The majority of this week’s column is lifted from a local free paper with a very rich history, The Govan Press. I make no apology for that as the story which caught my eye in the latest edition concerned The Mary Barbour Association and their attempt to secure funding from the Scottish Government quango, Creative Scotland.

According to the story an application for funding to support artists who have been shortlisted to create a permanent memorial of Govan’s own Mary Barbour was refused.

She was Glasgow’s first female Labour councillor and the woman who led the civil disobedience campaign of rent strikes against the profiteering private landlords in Glasgow in 1915.

The greedy private landlords sought to profit from the extra demand for housing during the war by hiking rents and evicting families of soldiers serving in the Great War’s frontline.

Through determined and courageous organising Mary Barbour assembled an army of women, mostly, across Govan and Maryhill who refused to pay the unjustified rent rises and waged literal combat against sheriff officers despatched to try and evict rent striking families.

It was the type of civil disobedience that was required to break such unjust laws that permitted the private landlords to raise rents at will and punish poor families who could hardly afford existing rents let alone the exorbitant rises.

Mary Barbour and her volunteer army of rent strikers and sheriff officer busters were having none of it. ‘Better to break the law than break the poor’ was one of their mottos.

Labour and the SNP Government could learn a lot from those struggles 100 years ago in relation to the horrendous local government job and services cuts being contemplated today.

Anyway, unbelievably Creative Scotland rejected an application despite finding money to support such delights as a puppet maker to take two productions, entitled Cloud Man and The Secret Life of Suitcases to Canada, China and Australia, and over £6,000 to SonADA to allow it to stage a series of workshops about the sounds of slowness and boredom. Seriously?

Frankly I find that decision incredible and worthy of detailed justification or prompt re-consideration.

A fund was launched last year to raise the £80,000 needed to complete the statue of Mary Barbour but the design, material and location have yet to be decided. I would have thought this was a project Glasgow City council and Creative Scotland would have been all over.

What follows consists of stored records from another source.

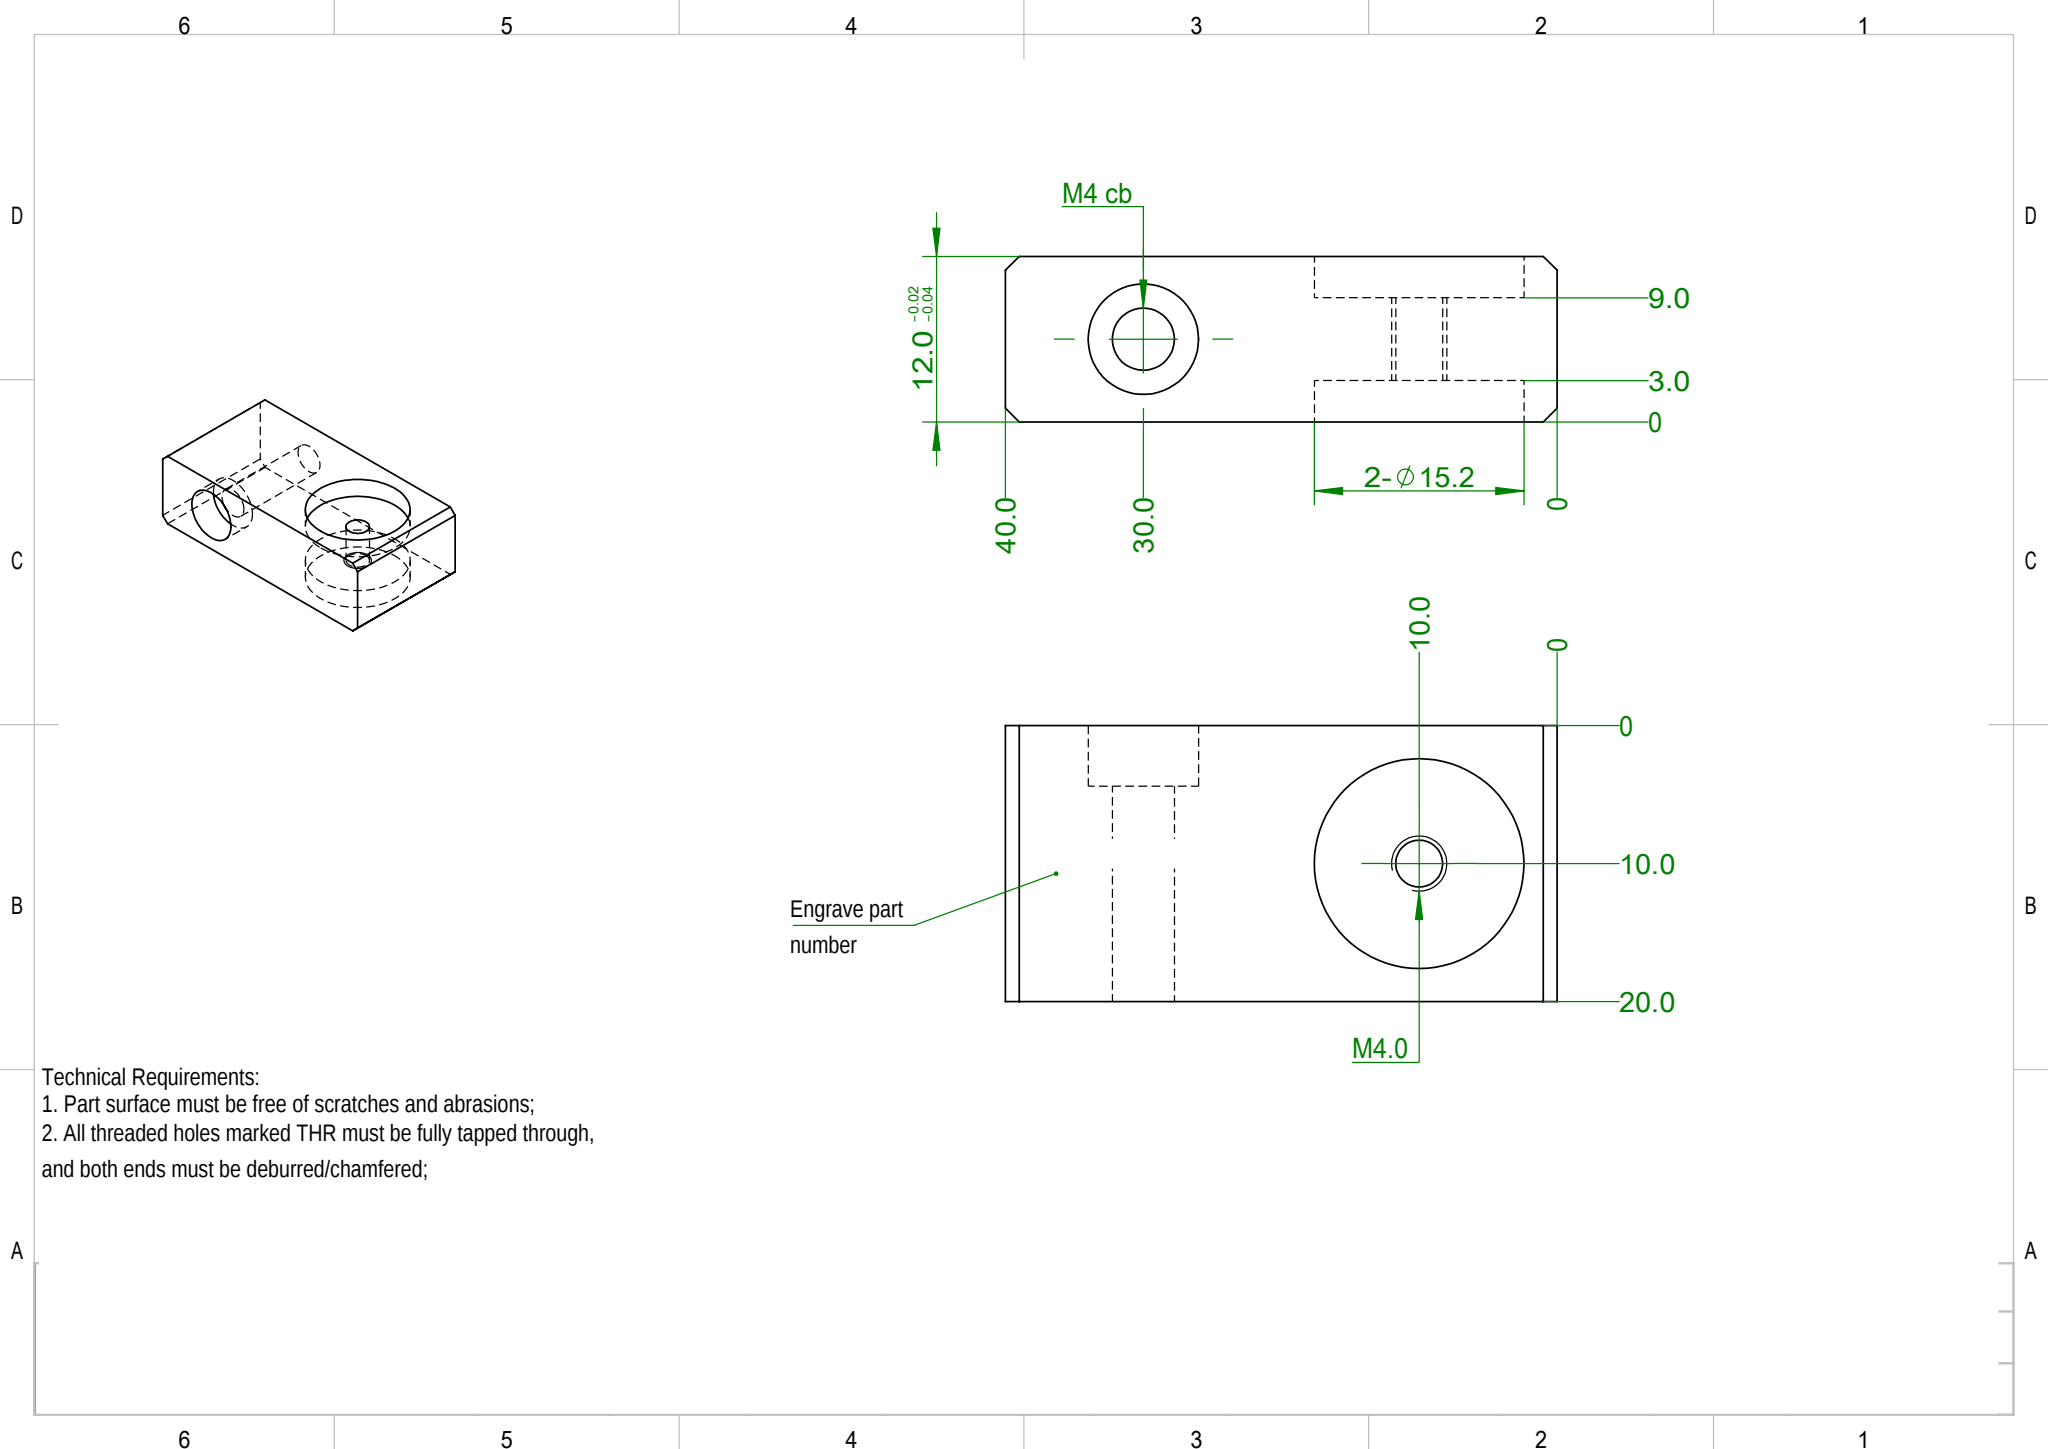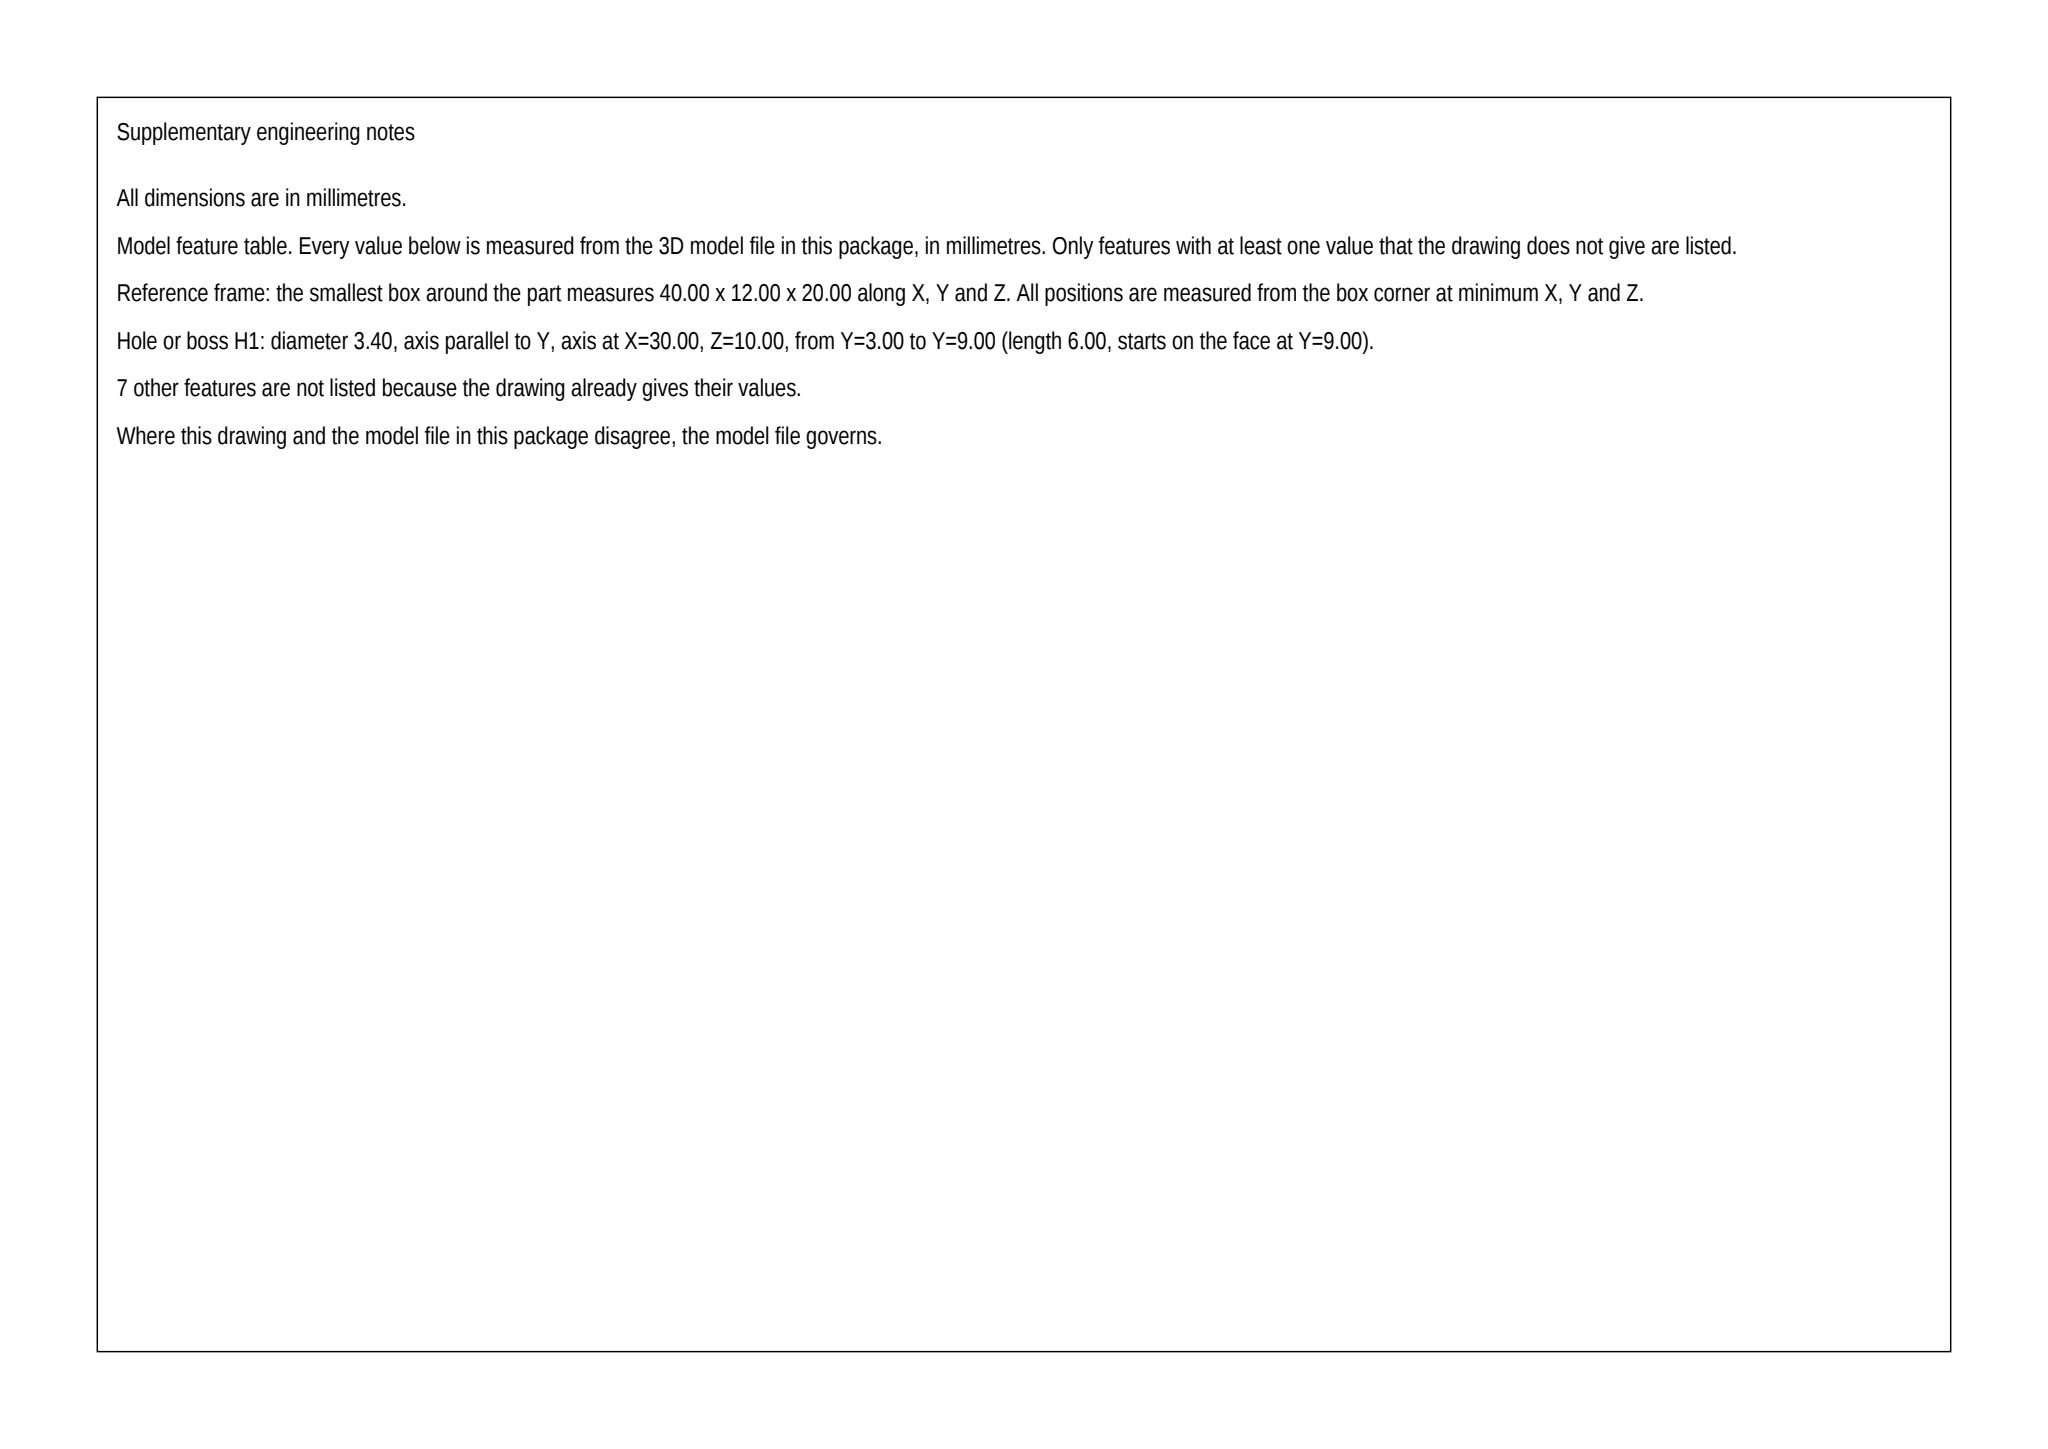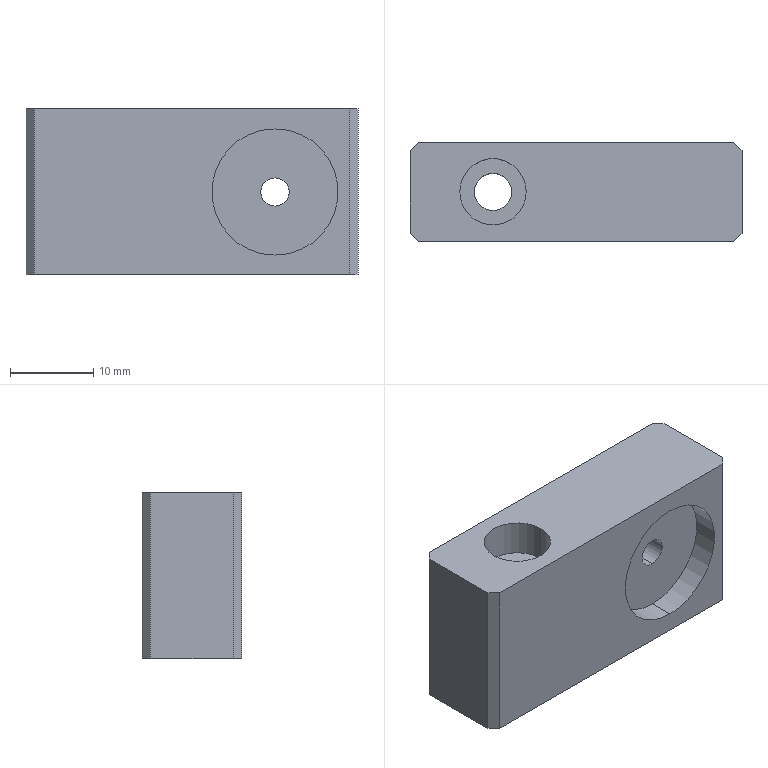Part | SolidWorks | mm | 1 solid | 23 faces | box 40 x 12 x 20 mm | volume 7947 mm3 | plane 13 | cylinder 10 | commonest cylinder face diameters 15.2 x4 8 x2 4.5 x2 3.4 x2
build123d program:
from build123d import *

# Parameters (mm, degrees)
SKETCH1_W                                       = 20
SKETCH1_H                                       = 12
BOSS_EXTRUDE1_DEPTH                             = 20
SKETCH4_R                                       = 7.6
CUT_EXTRUDE1_DEPTH                              = 3
SKETCH5_R                                       = 1.7
CUT_EXTRUDE2_DEPTH                              = 10
MOVE_FACE1_BY                                   = 20
M4_HEX_SOCKET_HEAD_CAP_SCREW_CBORE1_D           = 4.5
M4_HEX_SOCKET_HEAD_CAP_SCREW_CBORE1_CBORE_D     = 8
M4_HEX_SOCKET_HEAD_CAP_SCREW_CBORE1_CBORE_DEPTH = 4.4
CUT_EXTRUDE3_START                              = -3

After this column appears on line I intend forwarding it to Creative Scotland in search of an answer as to why this Remember Mary Barbour Association funding request was turned down. I will be emailing them at enquiries@creativescotland.com and I ask you to do likewise.

The Remember Mary Barbour Association and their campaign to build a statue to this Glasgow heroine deserves support from all of Glasgow.

Without their campaign of defiance the Rent Restriction Act of 1915 forcing the Government to freeze rents for the duration of the war would not have been rushed into law. It was the 30,000 rent strikers led by Mary Barbour which forced that concession and ultimately the campaign effectively opened the way for the construction of municipal houses across the city.

Real Glasgow history which should be taught in our schools and is deserving of real support from the likes of Creative Scotland, the City Council and the Scottish Government.